Obama urges Myanmar to stop violence against Muslims
U.S. President Barack Obama (2nd R) sits with Myanmar's President Thein Sein (2nd L) in the Oval Office at the White House in Washington May 20, 2013. REUTERS/Larry Downing |
Paul Eckert
May 20, 2013
President Barack Obama urged the president of Myanmar on Monday to take steps to halt violence against Muslims in his country and move ahead with economic and political reforms.
Thein Sein became the first head of Myanmar to visit the White House in 47 years, and he and Obama sat down for talks in the Oval Office.
Obama said the Myanmar leader had assured him that he intends to move forward on releasing more political prisoners and institutionalizing political reforms that have already taken place. Thein Sein also vowed to resolve ethnic conflicts by incorporating all communities into the political process, Obama said.
"I also shared with President Sein our deep concern about communal violence that has been directed at Muslim communities inside Myanmar. The displacement of people, the violence directed towards them needs to stop," Obama said.
Sein, speaking through a translator, said his country faces a "daunting task" in carrying out reforms but said for democracy to flourish in Myanmar the reforms must be carried out in the years ahead.
Myanmar will need the "assistance and understanding" of the international community, including the United States, as it goes through the process, he said.
Rights groups and some U.S. lawmakers fear Obama has moved too quickly since forging a dramatic breakthrough in relations in 2011 after half a century of military rule in Myanmar, also known as Burma.
U.S. officials argue that reforms by Myanmar's quasi-military government - freeing democracy activist Aung San Suu Kyi and hundreds of political prisoners, scrapping censorship, legalizing trade unions and protests - are transformative and deserve support from Obama, who confirmed the end of Myanmar's pariah status with the West with a landmark visit last November.

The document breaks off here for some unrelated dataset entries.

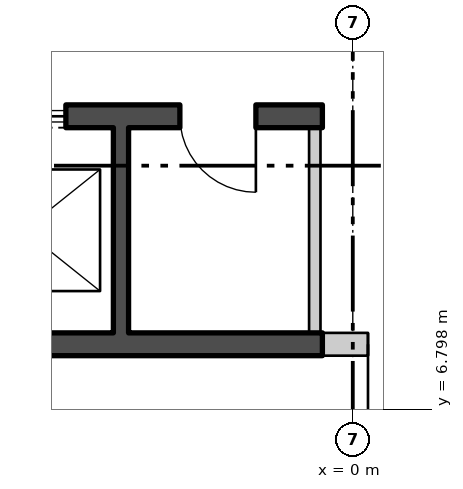
"""IFC4 building model, lengths in metres.
Left out: names, types, materials, properties, quantities, classifications, styles, units other than length and angle.
Written with IfcOpenShell. Run it as: python <this file> out.ifc"""

import sys

from ifc_helpers import new_model, si_unit, direction, frame, frame_2d, origin, place, context, subcontext, project, spatial, polyline, rectangle, outline, extrude, element, fill, save


model = new_model("IFC4")
c1 = context("Model", 3, precision=1e-05, world=origin(), true_north=direction((0.0, 1.0)))
c2 = subcontext(c1, "Body", "Model", "MODEL_VIEW")
j1 = project(units=[si_unit("LENGTHUNIT", "METRE"), si_unit("PLANEANGLEUNIT", "RADIAN")], contexts=[c1])
p1 = place(None, origin())
s1 = spatial("IfcSite", under=j1, at=p1, CompositionType="ELEMENT")
p2 = place(p1, origin())
s2 = spatial("IfcBuilding", under=s1, at=p2, CompositionType="ELEMENT")
p3 = place(p2, frame((0.0, 0.0, 329.4)))
s3 = spatial("IfcBuildingStorey", under=s2, at=p3, CompositionType="ELEMENT", Elevation=329.4)
p4 = place(p3, frame((-24.765, 16.684, -0.18), z_axis=(0.0, 0.0, 1.0), x_axis=(0.500000141277, -0.866025322218, 0.0)))
e1 = element("IfcWall", 1, at=p4, inside=s3, PredefinedType="SOLIDWALL", context=c2, shape_type="SweptSolid", body=[
    extrude(outline(polyline([(-0.13, -0.225), (45.86, -0.225), (45.6, 0.225), (0.13, 0.225), (-0.13, -0.225)])), origin(), (0.0, 0.0, 1.0), 3.98),
])
p5 = place(p4, frame((1.424, 0.0, 1.08)))
e2 = element("IfcOpeningElement", 2, at=p5, cuts=e1, PredefinedType="OPENING", context=c2, shape_type="SweptSolid", body=[
    extrude(rectangle(XDim=2.4, YDim=2.3, at=frame_2d((1.2, 1.15))), frame((0.0, 0.235, 0.0), z_axis=(0.0, -1.0, 0.0), x_axis=(1.0, 0.0, 0.0)), (0.0, 0.0, 1.0), 0.47),
])
p6 = place(p4, frame((5.892, 0.0, 1.08)))
e3 = element("IfcOpeningElement", 3, at=p6, cuts=e1, PredefinedType="OPENING", context=c2, shape_type="SweptSolid", body=[
    extrude(rectangle(XDim=2.4, YDim=2.3, at=frame_2d((1.2, 1.15))), frame((0.0, 0.235, 0.0), z_axis=(0.0, -1.0, 0.0), x_axis=(1.0, 0.0, 0.0)), (0.0, 0.0, 1.0), 0.47),
])
p7 = place(p4, frame((10.399, 0.0, 1.08)))
e4 = element("IfcOpeningElement", 4, at=p7, cuts=e1, PredefinedType="OPENING", context=c2, shape_type="SweptSolid", body=[
    extrude(rectangle(XDim=2.4, YDim=2.3, at=frame_2d((1.2, 1.15))), frame((0.0, 0.235, 0.0), z_axis=(0.0, -1.0, 0.0), x_axis=(1.0, 0.0, 0.0)), (0.0, 0.0, 1.0), 0.47),
])
p8 = place(p4, frame((19.412, 0.0, 1.08)))
e5 = element("IfcOpeningElement", 5, at=p8, cuts=e1, PredefinedType="OPENING", context=c2, shape_type="SweptSolid", body=[
    extrude(rectangle(XDim=2.4, YDim=2.3, at=frame_2d((1.2, 1.15))), frame((0.0, 0.235, 0.0), z_axis=(0.0, -1.0, 0.0), x_axis=(1.0, 0.0, 0.0)), (0.0, 0.0, 1.0), 0.47),
])
p9 = place(p4, frame((23.918, 0.0, 1.08)))
e6 = element("IfcOpeningElement", 6, at=p9, cuts=e1, PredefinedType="OPENING", context=c2, shape_type="SweptSolid", body=[
    extrude(rectangle(XDim=2.4, YDim=2.3, at=frame_2d((1.2, 1.15))), frame((0.0, 0.235, 0.0), z_axis=(0.0, -1.0, 0.0), x_axis=(1.0, 0.0, 0.0)), (0.0, 0.0, 1.0), 0.47),
])
p10 = place(p4, frame((28.425, 0.0, 1.08)))
e7 = element("IfcOpeningElement", 7, at=p10, cuts=e1, PredefinedType="OPENING", context=c2, shape_type="SweptSolid", body=[
    extrude(rectangle(XDim=2.4, YDim=2.3, at=frame_2d((1.2, 1.15))), frame((0.0, 0.235, 0.0), z_axis=(0.0, -1.0, 0.0), x_axis=(1.0, 0.0, 0.0)), (0.0, 0.0, 1.0), 0.47),
])
p11 = place(p4, frame((37.438, 0.0, 1.08)))
e8 = element("IfcOpeningElement", 8, at=p11, cuts=e1, PredefinedType="OPENING", context=c2, shape_type="SweptSolid", body=[
    extrude(rectangle(XDim=2.4, YDim=2.3, at=frame_2d((1.2, 1.15))), frame((0.0, 0.235, 0.0), z_axis=(0.0, -1.0, 0.0), x_axis=(1.0, 0.0, 0.0)), (0.0, 0.0, 1.0), 0.47),
])
p12 = place(p4, frame((41.907, 0.0, 1.08)))
e9 = element("IfcOpeningElement", 9, at=p12, cuts=e1, PredefinedType="OPENING", context=c2, shape_type="SweptSolid", body=[
    extrude(rectangle(XDim=2.4, YDim=2.3, at=frame_2d((1.2, 1.15))), frame((0.0, 0.235, 0.0), z_axis=(0.0, -1.0, 0.0), x_axis=(1.0, 0.0, 0.0)), (0.0, 0.0, 1.0), 0.47),
])
p13 = place(p3, frame((-10.7, 10.65, 0.0), z_axis=(0.0, 0.0, 1.0), x_axis=(1.0, 0.0, 0.0)))
e10 = element("IfcWall", 10, at=p13, inside=s3, PredefinedType="SHEAR", context=c2, shape_type="SweptSolid", body=[
    extrude(rectangle(XDim=10.3, YDim=0.3, at=frame_2d((5.15, 0.0))), origin(), (0.0, 0.0, 1.0), 4.0),
])
p14 = place(p13, frame((0.675, 0.0, 0.0)))
e11 = element("IfcOpeningElement", 11, at=p14, cuts=e10, PredefinedType="OPENING", context=c2, shape_type="SweptSolid", body=[
    extrude(rectangle(XDim=1.1, YDim=2.1, at=frame_2d((0.55, 1.05))), frame((0.0, 0.16, 0.0), z_axis=(0.0, -1.0, 0.0), x_axis=(1.0, 0.0, 0.0)), (0.0, 0.0, 1.0), 0.32),
])
p15 = place(p13, frame((3.275, 0.0, 0.0)))
e12 = element("IfcOpeningElement", 12, at=p15, cuts=e10, PredefinedType="OPENING", context=c2, shape_type="SweptSolid", body=[
    extrude(rectangle(XDim=1.1, YDim=2.1, at=frame_2d((0.55, 1.05))), frame((0.0, 0.16, 0.0), z_axis=(0.0, -1.0, 0.0), x_axis=(1.0, 0.0, 0.0)), (0.0, 0.0, 1.0), 0.32),
])
p16 = place(p13, frame((5.825, 0.0, 0.0)))
e13 = element("IfcOpeningElement", 13, at=p16, cuts=e10, PredefinedType="OPENING", context=c2, shape_type="SweptSolid", body=[
    extrude(rectangle(XDim=1.1, YDim=2.1, at=frame_2d((0.55, 1.05))), frame((0.0, 0.16, 0.0), z_axis=(0.0, -1.0, 0.0), x_axis=(1.0, 0.0, 0.0)), (0.0, 0.0, 1.0), 0.32),
])
p17 = place(p13, frame((8.425, 0.0, 0.0)))
e14 = element("IfcOpeningElement", 14, at=p17, cuts=e10, PredefinedType="OPENING", context=c2, shape_type="SweptSolid", body=[
    extrude(rectangle(XDim=1.0, YDim=2.1, at=frame_2d((0.5, 1.05))), frame((0.0, 0.16, 0.0), z_axis=(0.0, -1.0, 0.0), x_axis=(1.0, 0.0, 0.0)), (0.0, 0.0, 1.0), 0.32),
])
p18 = place(p3, frame((-10.7, 7.65, 0.0), z_axis=(0.0, 0.0, 1.0), x_axis=(1.0, 0.0, 0.0)))
e15 = element("IfcWall", 15, at=p18, inside=s3, PredefinedType="SHEAR", context=c2, shape_type="SweptSolid", body=[
    extrude(rectangle(XDim=10.3, YDim=0.3, at=frame_2d((5.15, 0.0))), origin(), (0.0, 0.0, 1.0), 4.0),
])
p19 = place(p3, frame((-3.05, 7.8, 0.0), z_axis=(0.0, 0.0, 1.0), x_axis=(0.0, 1.0, 0.0)))
e16 = element("IfcWall", 16, at=p19, inside=s3, PredefinedType="SHEAR", context=c2, shape_type="SweptSolid", body=[
    extrude(rectangle(XDim=2.7, YDim=0.2, at=frame_2d((1.35, 0.0))), origin(), (0.0, 0.0, 1.0), 4.0),
])
p20 = place(p3, frame((-0.5, 7.8, 0.0), z_axis=(0.0, 0.0, 1.0), x_axis=(0.0, 1.0, 0.0)))
e17 = element("IfcWall", 17, at=p20, inside=s3, PredefinedType="PARTITIONING", context=c2, shape_type="SweptSolid", body=[
    extrude(rectangle(XDim=2.7, YDim=0.15, at=frame_2d((1.35, 0.0))), origin(), (0.0, 0.0, 1.0), 4.0),
])
p21 = place(p3, frame((-0.4, 7.65, 0.0), z_axis=(0.0, 0.0, 1.0), x_axis=(1.0, 0.0, 0.0)))
e18 = element("IfcWall", 18, at=p21, inside=s3, PredefinedType="PARTITIONING", context=c2, shape_type="SweptSolid", body=[
    extrude(rectangle(XDim=3.0, YDim=0.3, at=frame_2d((1.5, 0.0))), origin(), (0.0, 0.0, 1.0), 4.0),
])
p22 = place(p21, frame((0.6, 0.0, 0.0)))
e19 = element("IfcOpeningElement", 19, at=p22, cuts=e18, PredefinedType="OPENING", context=c2, shape_type="SweptSolid", body=[
    extrude(rectangle(XDim=1.8, YDim=2.4, at=frame_2d((0.9, 1.2))), frame((0.0, 0.16, 0.0), z_axis=(0.0, -1.0, 0.0), x_axis=(1.0, 0.0, 0.0)), (0.0, 0.0, 1.0), 0.32),
])
p23 = place(p16, origin())
e20 = element("IfcDoor", 20, at=p23, inside=s3, OperationType="SLIDING_TO_LEFT", PredefinedType="DOOR", context=c2, shape_type="SweptSolid", body=[
    extrude(rectangle(XDim=1.1, YDim=2.1, at=frame_2d((0.55, 1.05))), frame((0.0, 0.025, 0.0), z_axis=(0.0, -1.0, 0.0), x_axis=(1.0, 0.0, 0.0)), (0.0, 0.0, 1.0), 0.05),
])
fill(e13, e20)
p24 = place(p17, origin())
e21 = element("IfcDoor", 21, at=p24, inside=s3, OperationType="SINGLE_SWING_RIGHT", PredefinedType="DOOR", context=c2, shape_type="SweptSolid", body=[
    extrude(rectangle(XDim=1.0, YDim=2.1, at=frame_2d((0.5, 1.05))), frame((0.0, 0.025, 0.0), z_axis=(0.0, -1.0, 0.0), x_axis=(1.0, 0.0, 0.0)), (0.0, 0.0, 1.0), 0.05),
])
fill(e14, e21)
p25 = place(p22, origin())
e22 = element("IfcDoor", 22, at=p25, inside=s3, OperationType="DOUBLE_DOOR_SINGLE_SWING", PredefinedType="DOOR", context=c2, shape_type="SweptSolid", body=[
    extrude(rectangle(XDim=1.8, YDim=2.4, at=frame_2d((0.9, 1.2))), frame((0.0, 0.025, 0.0), z_axis=(0.0, -1.0, 0.0), x_axis=(1.0, 0.0, 0.0)), (0.0, 0.0, 1.0), 0.05),
])
fill(e19, e22)
save(model, sys.argv[1])
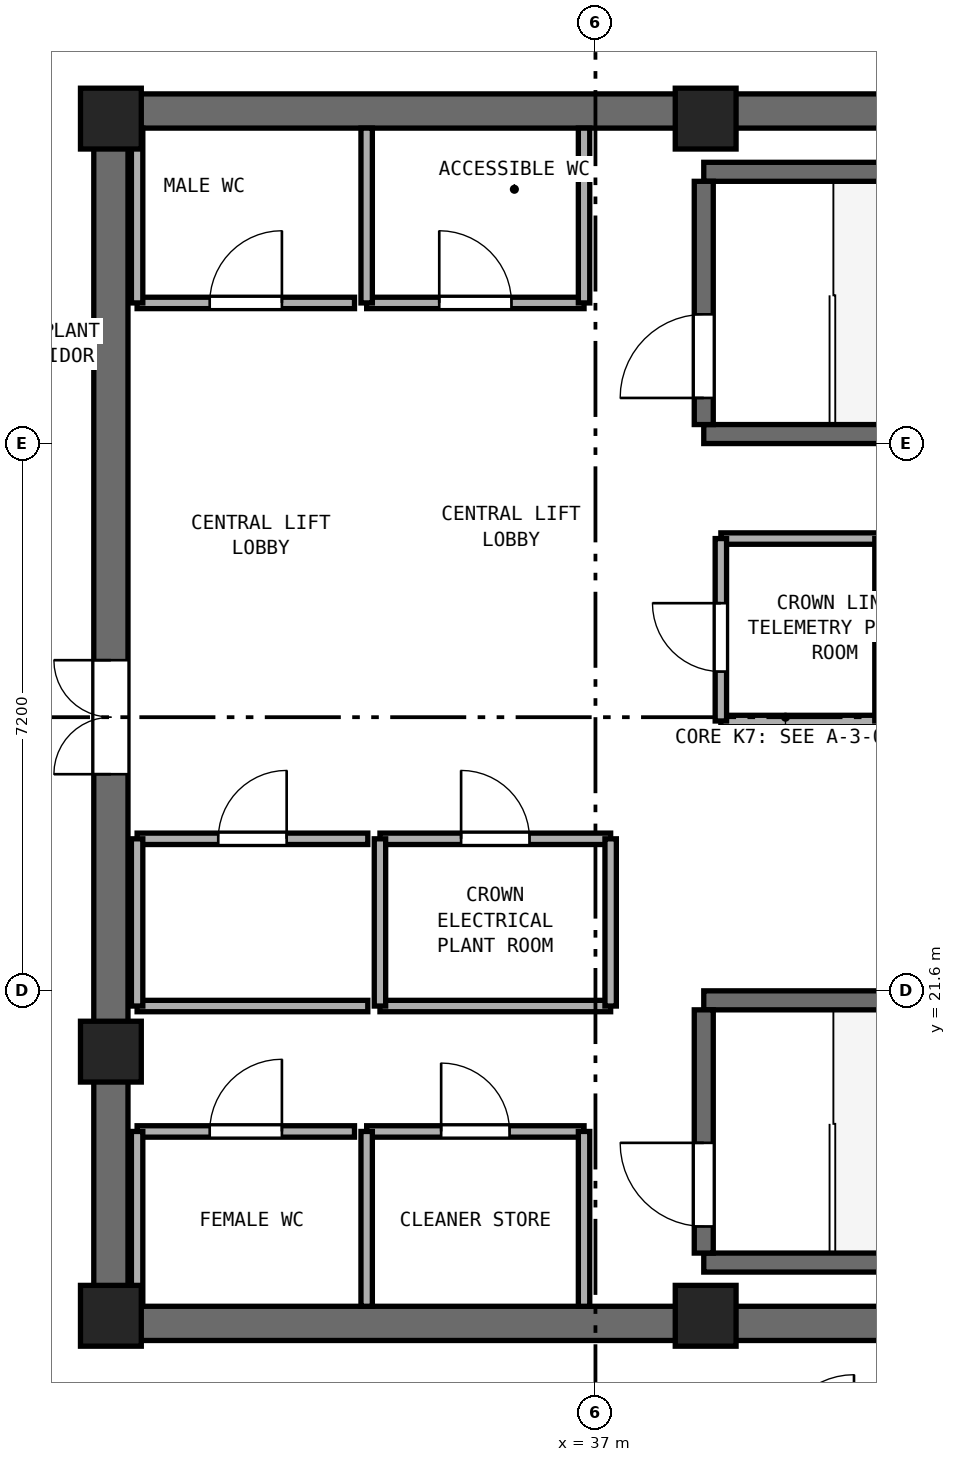
"""IFC4 building model, lengths in metres.
Left out: names, types, materials, properties, quantities, classifications, styles, units other than length and angle.
Written with IfcOpenShell. Run it as: python <this file> out.ifc"""

import sys

from ifc_helpers import new_model, si_unit, direction, frame, frame_2d, origin, origin_2d, place, context, subcontext, project, spatial, rectangle, extrude, element, fill, save


model = new_model("IFC4")
c1 = context("Model", 3, precision=1e-05, world=origin(), true_north=direction((0.0, 1.0)))
c2 = subcontext(c1, "Body", "Model", "MODEL_VIEW")
j1 = project(units=[si_unit("LENGTHUNIT", "METRE"), si_unit("PLANEANGLEUNIT", "RADIAN")], contexts=[c1])
p1 = place(None, origin())
s1 = spatial("IfcSite", under=j1, at=p1, CompositionType="ELEMENT")
p2 = place(p1, origin())
s2 = spatial("IfcBuilding", under=s1, at=p2, CompositionType="ELEMENT")
p3 = place(p2, frame((0.0, 0.0, 333.4)))
s3 = spatial("IfcBuildingStorey", under=s2, at=p3, CompositionType="ELEMENT", Elevation=333.4)
for number, where, z_axis, x_axis in (
    (1, (30.4, 17.225, 0.0), (0.0, 0.0, 1.0), (1.0, 0.0, 0.0)),
    (2, (30.4, 33.175, 0.0), (0.0, 0.0, 1.0), (1.0, 0.0, 0.0)),
):
    element("IfcWall", number, at=place(p3, frame(where, z_axis=z_axis, x_axis=x_axis)), inside=s3, PredefinedType="SHEAR", context=c2, shape_type="SweptSolid", body=[
        extrude(rectangle(XDim=18.2, YDim=0.45, at=frame_2d((9.1, 0.0))), origin(), (0.0, 0.0, 1.0), 3.7),
    ])
p4 = place(p3, frame((30.625, 17.45, 0.0), z_axis=(0.0, 0.0, 1.0), x_axis=(0.0, 1.0, 0.0)))
e3 = element("IfcWall", 3, at=p4, inside=s3, PredefinedType="SHEAR", context=c2, shape_type="SweptSolid", body=[
    extrude(rectangle(XDim=15.5, YDim=0.45, at=frame_2d((7.75, 0.0))), origin(), (0.0, 0.0, 1.0), 3.7),
])
p5 = place(p4, frame((7.0, 0.0, 0.0)))
e4 = element("IfcOpeningElement", 4, at=p5, cuts=e3, PredefinedType="OPENING", context=c2, shape_type="SweptSolid", body=[
    extrude(rectangle(XDim=1.5, YDim=2.15, at=frame_2d((0.75, 1.075))), frame((0.0, 0.235, 0.0), z_axis=(0.0, -1.0, 0.0), x_axis=(1.0, 0.0, 0.0)), (0.0, 0.0, 1.0), 0.47),
])
for number, where, z_axis, x_axis in (
    (5, (30.625, 17.325, 0.0), (0.0, 0.0, 1.0), (1.0, 0.0, 0.0)),
    (6, (38.45, 17.325, 0.0), (0.0, 0.0, 1.0), (1.0, 0.0, 0.0)),
    (7, (38.45, 33.075, 0.0), (0.0, 0.0, 1.0), (1.0, 0.0, 0.0)),
    (8, (30.625, 33.075, 0.0), (0.0, 0.0, 1.0), (1.0, 0.0, 0.0)),
    (9, (30.625, 20.8, 0.0), (0.0, 0.0, 1.0), (1.0, 0.0, 0.0)),
):
    element("IfcColumn", number, at=place(p3, frame(where, z_axis=z_axis, x_axis=x_axis)), inside=s3, PredefinedType="PILASTER", context=c2, shape_type="SweptSolid", body=[
        extrude(rectangle(XDim=0.8, YDim=0.8, at=origin_2d()), origin(), (0.0, 0.0, 1.0), 4.0),
    ])
for number, where, z_axis, x_axis in (
    (10, (38.425, 28.925, 0.0), (0.0, 0.0, 1.0), (1.0, 0.0, 0.0)),
    (11, (38.425, 32.375, 0.0), (0.0, 0.0, 1.0), (1.0, 0.0, 0.0)),
):
    element("IfcWall", number, at=place(p3, frame(where, z_axis=z_axis, x_axis=x_axis)), inside=s3, PredefinedType="SHEAR", context=c2, shape_type="SweptSolid", body=[
        extrude(rectangle(XDim=7.3, YDim=0.25, at=frame_2d((3.65, 0.0))), origin(), (0.0, 0.0, 1.0), 3.7),
    ])
p6 = place(p3, frame((38.425, 29.05, 0.0), z_axis=(0.0, 0.0, 1.0), x_axis=(0.0, 1.0, 0.0)))
e12 = element("IfcWall", 12, at=p6, inside=s3, PredefinedType="SHEAR", context=c2, shape_type="SweptSolid", body=[
    extrude(rectangle(XDim=3.2, YDim=0.25, at=frame_2d((1.6, 0.0))), origin(), (0.0, 0.0, 1.0), 3.7),
])
p7 = place(p6, frame((0.35, 0.0, 0.0)))
e13 = element("IfcOpeningElement", 13, at=p7, cuts=e12, PredefinedType="OPENING", context=c2, shape_type="SweptSolid", body=[
    extrude(rectangle(XDim=1.1, YDim=2.15, at=frame_2d((0.55, 1.075))), frame((0.0, 0.135, 0.0), z_axis=(0.0, -1.0, 0.0), x_axis=(1.0, 0.0, 0.0)), (0.0, 0.0, 1.0), 0.27),
])
for number, where, z_axis, x_axis in (
    (14, (38.425, 18.025, 0.0), (0.0, 0.0, 1.0), (1.0, 0.0, 0.0)),
    (15, (38.425, 21.475, 0.0), (0.0, 0.0, 1.0), (1.0, 0.0, 0.0)),
):
    element("IfcWall", number, at=place(p3, frame(where, z_axis=z_axis, x_axis=x_axis)), inside=s3, PredefinedType="SHEAR", context=c2, shape_type="SweptSolid", body=[
        extrude(rectangle(XDim=7.3, YDim=0.25, at=frame_2d((3.65, 0.0))), origin(), (0.0, 0.0, 1.0), 3.7),
    ])
p8 = place(p3, frame((38.425, 18.15, 0.0), z_axis=(0.0, 0.0, 1.0), x_axis=(0.0, 1.0, 0.0)))
e16 = element("IfcWall", 16, at=p8, inside=s3, PredefinedType="SHEAR", context=c2, shape_type="SweptSolid", body=[
    extrude(rectangle(XDim=3.2, YDim=0.25, at=frame_2d((1.6, 0.0))), origin(), (0.0, 0.0, 1.0), 3.7),
])
p9 = place(p8, frame((0.35, 0.0, 0.0)))
e17 = element("IfcOpeningElement", 17, at=p9, cuts=e16, PredefinedType="OPENING", context=c2, shape_type="SweptSolid", body=[
    extrude(rectangle(XDim=1.1, YDim=2.15, at=frame_2d((0.55, 1.075))), frame((0.0, 0.135, 0.0), z_axis=(0.0, -1.0, 0.0), x_axis=(1.0, 0.0, 0.0)), (0.0, 0.0, 1.0), 0.27),
])
p10 = place(p3, frame((30.97, 30.65, 0.0), z_axis=(0.0, 0.0, 1.0), x_axis=(1.0, 0.0, 0.0)))
e18 = element("IfcWall", 18, at=p10, inside=s3, PredefinedType="PARTITIONING", context=c2, shape_type="SweptSolid", body=[
    extrude(rectangle(XDim=2.86, YDim=0.15, at=frame_2d((1.43, 0.0))), origin(), (0.0, 0.0, 1.0), 3.7),
])
p11 = place(p10, frame((0.955, 0.0, 0.0)))
e19 = element("IfcOpeningElement", 19, at=p11, cuts=e18, PredefinedType="OPENING", context=c2, shape_type="SweptSolid", body=[
    extrude(rectangle(XDim=0.95, YDim=2.1, at=frame_2d((0.475, 1.05))), frame((0.0, 0.085, 0.0), z_axis=(0.0, -1.0, 0.0), x_axis=(1.0, 0.0, 0.0)), (0.0, 0.0, 1.0), 0.17),
])
p12 = place(p3, frame((30.97, 30.65, 0.0), z_axis=(0.0, 0.0, 1.0), x_axis=(0.0, 1.0, 0.0)))
e20 = element("IfcWall", 20, at=p12, inside=s3, PredefinedType="PARTITIONING", context=c2, shape_type="SweptSolid", body=[
    extrude(rectangle(XDim=2.3, YDim=0.15, at=frame_2d((1.15, 0.0))), origin(), (0.0, 0.0, 1.0), 2.8),
])
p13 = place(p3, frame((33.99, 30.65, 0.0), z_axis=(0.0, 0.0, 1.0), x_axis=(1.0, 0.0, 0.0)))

However, ethnic or sectarian violence, particularly in the western state of Rakhine, has worsened since Washington started easing sanctions, and a Reuters special report published last week found apartheid-like policies segregating minority Muslims in prison-like ghettos there.
At least 192 people died last year in violence between Buddhists in Rakhine and Rohingya Muslims, who are denied citizenship by Myanmar. Most of the victims, and the 140,000 people made homeless in the attacks, were Muslims.